RATTEN v THE QUEEN [1972] AC 378
facts: A was charged with the murder of his wife via shotgun to the head. he argued that the gun had discharged accidentally while he was cleaning it. the couple lived in a rural area and telephone calls made went through a telephonist. A said that no phone calls were made at the time of the shooting (between 1:12 and 1:20). a telephonist however, confirmed that there had been an outgoing call from the house at the relevant time, but also stated that the woman (the deceased) sounded frantic and asked to "get the police please." was this hearsay evidence?
held: a request (ie. to call the police) does not tend to prove anything at all. while it may allow implications to be drawn, the statement itself does not seek to convey any specific information.

WALTON v R (1989) 84 ALR 59; 63 ALJR 226
facts: A was accused of murdering his wife. P's case was that A arranged for his wife to meet him in the town square where he later took her to another place and killed her. it was established that the wife had in fact gone to the town square, but it had to be proven that she went pursuant to her husband's arrangement.
at the trial, witnesses gave evidence that the wife had told them she was going to meet her husband. furthermore, evidence was given that the wife was having a phone conversation and when her daughter asked who it was, she replied "daddy". the daughter then took the phone and referred to the guy on the other end as "daddy" also. were either of these pieces of evidence hearsay?
held: an intention to do something (ie. meet her husband) is classified as original evidence, and not hearsay and is therefore admissible. however, the phone conversation is clearly hearsay - how can one be sure that it was the accused on the phone? it could have been anyone that the wife and daughter were calling "daddy". it only has relevence if the guy was in fact the accused.

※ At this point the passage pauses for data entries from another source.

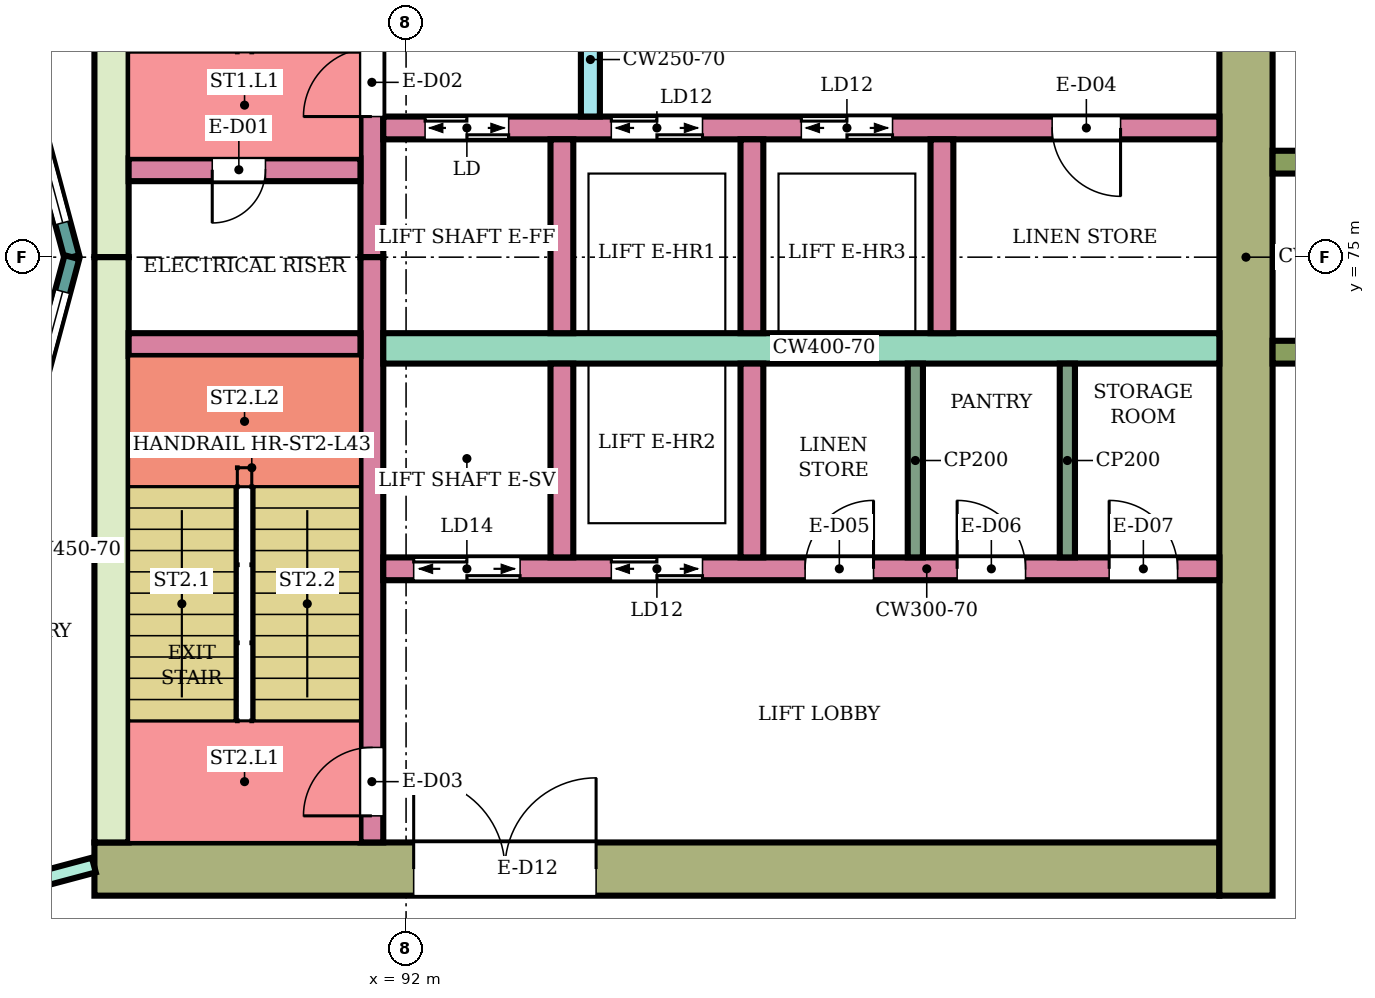
"""IFC4 building model, lengths in metres.
Left out: names, types, materials, properties, quantities, classifications, styles, units other than length and angle.
Written with IfcOpenShell. Run it as: python <this file> out.ifc"""

import sys

from ifc_helpers import new_model, si_unit, direction, frame, frame_2d, origin, place, context, subcontext, project, spatial, rectangle, extrude, element, fill, save


model = new_model("IFC4")
c1 = context("Model", 3, precision=1e-05, world=origin(), true_north=direction((0.0, 1.0)))
c2 = subcontext(c1, "Body", "Model", "MODEL_VIEW")
j1 = project(units=[si_unit("LENGTHUNIT", "METRE"), si_unit("PLANEANGLEUNIT", "RADIAN")], contexts=[c1])
p1 = place(None, origin())
s1 = spatial("IfcSite", under=j1, at=p1, CompositionType="ELEMENT")
p2 = place(p1, origin())
s2 = spatial("IfcBuilding", under=s1, at=p2, CompositionType="ELEMENT")
p3 = place(p2, frame((0.0, 0.0, 186.4)))
s3 = spatial("IfcBuildingStorey", under=s2, at=p3, CompositionType="ELEMENT", Elevation=186.4)
p4 = place(p3, frame((87.9, 66.95, 0.0), z_axis=(0.0, 0.0, 1.0), x_axis=(1.0, 0.0, 0.0)))
e1 = element("IfcWall", 1, at=p4, inside=s3, PredefinedType="SHEAR", context=c2, shape_type="SweptSolid", body=[
    extrude(rectangle(XDim=14.8, YDim=0.7, at=frame_2d((7.4, 0.0))), origin(), (0.0, 0.0, 1.0), 3.78),
])
p5 = place(p4, frame((4.2, 0.0, 0.0)))
e2 = element("IfcOpeningElement", 2, at=p5, cuts=e1, PredefinedType="OPENING", context=c2, shape_type="SweptSolid", body=[
    extrude(rectangle(XDim=2.4, YDim=2.4, at=frame_2d((1.2, 1.2))), frame((0.0, 0.36, 0.0), z_axis=(0.0, -1.0, 0.0), x_axis=(1.0, 0.0, 0.0)), (0.0, 0.0, 1.0), 0.72),
])
for number, where, z_axis, x_axis in (
    (3, (88.125, 75.0, 0.0), (0.0, 0.0, 1.0), (0.0, 1.0, 0.0)),
    (4, (88.125, 67.3, 0.0), (0.0, 0.0, 1.0), (0.0, 1.0, 0.0)),
):
    element("IfcWall", number, at=place(p3, frame(where, z_axis=z_axis, x_axis=x_axis)), inside=s3, PredefinedType="SHEAR", context=c2, shape_type="SweptSolid", body=[
        extrude(rectangle(XDim=7.7, YDim=0.45, at=frame_2d((3.85, 0.0))), origin(), (0.0, 0.0, 1.0), 3.78),
    ])
p6 = place(p3, frame((103.05, 66.6, 0.0), z_axis=(0.0, 0.0, 1.0), x_axis=(0.0, 1.0, 0.0)))
e5 = element("IfcWall", 5, at=p6, inside=s3, PredefinedType="SHEAR", context=c2, shape_type="SweptSolid", body=[
    extrude(rectangle(XDim=16.8, YDim=0.7, at=frame_2d((8.4, 0.0))), origin(), (0.0, 0.0, 1.0), 3.78),
])
p7 = place(p3, frame((91.55, 75.0, 0.0), z_axis=(0.0, 0.0, 1.0), x_axis=(0.0, 1.0, 0.0)))
e6 = element("IfcWall", 6, at=p7, inside=s3, PredefinedType="SHEAR", context=c2, shape_type="SweptSolid", body=[
    extrude(rectangle(XDim=7.7, YDim=0.3, at=frame_2d((3.85, 0.0))), origin(), (0.0, 0.0, 1.0), 3.78),
])
p8 = place(p7, frame((1.85, 0.0, 0.0)))
e7 = element("IfcOpeningElement", 7, at=p8, cuts=e6, PredefinedType="OPENING", context=c2, shape_type="SweptSolid", body=[
    extrude(rectangle(XDim=0.9, YDim=2.1, at=frame_2d((0.45, 1.05))), frame((0.0, 0.16, 0.0), z_axis=(0.0, -1.0, 0.0), x_axis=(1.0, 0.0, 0.0)), (0.0, 0.0, 1.0), 0.32),
])
p9 = place(p3, frame((91.55, 67.3, 0.0), z_axis=(0.0, 0.0, 1.0), x_axis=(0.0, 1.0, 0.0)))
e8 = element("IfcWall", 8, at=p9, inside=s3, PredefinedType="SHEAR", context=c2, shape_type="SweptSolid", body=[
    extrude(rectangle(XDim=7.7, YDim=0.3, at=frame_2d((3.85, 0.0))), origin(), (0.0, 0.0, 1.0), 3.78),
])
p10 = place(p9, frame((0.35, 0.0, 0.0)))
e9 = element("IfcOpeningElement", 9, at=p10, cuts=e8, PredefinedType="OPENING", context=c2, shape_type="SweptSolid", body=[
    extrude(rectangle(XDim=0.9, YDim=2.1, at=frame_2d((0.45, 1.05))), frame((0.0, 0.16, 0.0), z_axis=(0.0, -1.0, 0.0), x_axis=(1.0, 0.0, 0.0)), (0.0, 0.0, 1.0), 0.32),
])
p11 = place(p3, frame((88.35, 76.15, 0.0), z_axis=(0.0, 0.0, 1.0), x_axis=(1.0, 0.0, 0.0)))
e10 = element("IfcWall", 10, at=p11, inside=s3, PredefinedType="SHEAR", context=c2, shape_type="SweptSolid", body=[
    extrude(rectangle(XDim=3.05, YDim=0.3, at=frame_2d((1.525, 0.0))), origin(), (0.0, 0.0, 1.0), 3.78),
])
p12 = place(p11, frame((1.1, 0.0, 0.0)))
e11 = element("IfcOpeningElement", 11, at=p12, cuts=e10, PredefinedType="OPENING", context=c2, shape_type="SweptSolid", body=[
    extrude(rectangle(XDim=0.7, YDim=2.0, at=frame_2d((0.35, 1.0))), frame((0.0, 0.16, 0.0), z_axis=(0.0, -1.0, 0.0), x_axis=(1.0, 0.0, 0.0)), (0.0, 0.0, 1.0), 0.32),
])
p13 = place(p3, frame((88.35, 73.85, 0.0), z_axis=(0.0, 0.0, 1.0), x_axis=(1.0, 0.0, 0.0)))
e12 = element("IfcWall", 12, at=p13, inside=s3, PredefinedType="SHEAR", context=c2, shape_type="SweptSolid", body=[
    extrude(rectangle(XDim=3.05, YDim=0.3, at=frame_2d((1.525, 0.0))), origin(), (0.0, 0.0, 1.0), 3.78),
])
p14 = place(p3, frame((91.7, 76.7, 0.0), z_axis=(0.0, 0.0, 1.0), x_axis=(1.0, 0.0, 0.0)))
e13 = element("IfcWall", 13, at=p14, inside=s3, PredefinedType="SHEAR", context=c2, shape_type="SweptSolid", body=[
    extrude(rectangle(XDim=11.0, YDim=0.3, at=frame_2d((5.5, 0.0))), origin(), (0.0, 0.0, 1.0), 3.78),
])
p15 = place(p14, frame((0.55, 0.0, 0.0)))
e14 = element("IfcOpeningElement", 14, at=p15, cuts=e13, PredefinedType="OPENING", context=c2, shape_type="SweptSolid", body=[
    extrude(rectangle(XDim=1.1, YDim=2.1, at=frame_2d((0.55, 1.05))), frame((0.0, 0.16, 0.0), z_axis=(0.0, -1.0, 0.0), x_axis=(1.0, 0.0, 0.0)), (0.0, 0.0, 1.0), 0.32),
])
p16 = place(p14, frame((3.0, 0.0, 0.0)))
e15 = element("IfcOpeningElement", 15, at=p16, cuts=e13, PredefinedType="OPENING", context=c2, shape_type="SweptSolid", body=[
    extrude(rectangle(XDim=1.2, YDim=2.1, at=frame_2d((0.6, 1.05))), frame((0.0, 0.16, 0.0), z_axis=(0.0, -1.0, 0.0), x_axis=(1.0, 0.0, 0.0)), (0.0, 0.0, 1.0), 0.32),
])
p17 = place(p14, frame((5.5, 0.0, 0.0)))
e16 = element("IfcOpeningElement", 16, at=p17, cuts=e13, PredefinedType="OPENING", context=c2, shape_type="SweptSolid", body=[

R v BENZ (1989) 168 CLR 110
facts:
a mother and daughter were charged with the murder of the mother's de facto partner. his body was found down-stream of a river and there was a footbridge near by. P's case was that the two had killed the guy then dumped his body over the bridge. a witness gave evidence that he saw two women on the bridge at the relevent time, and went over to ask if they were ok. the younger woman replied "my mother is feeling sick." was this hearsay?
held: the evidence of the witness proves that there was a mother and daughter on the bridge at the relevent time, but it does not prove that it was the accused. furthermore, the evidence would only be relevent if the statements made to the witness were in fact taken to be true (that they were mother and daughter). hence, hearsay evidence.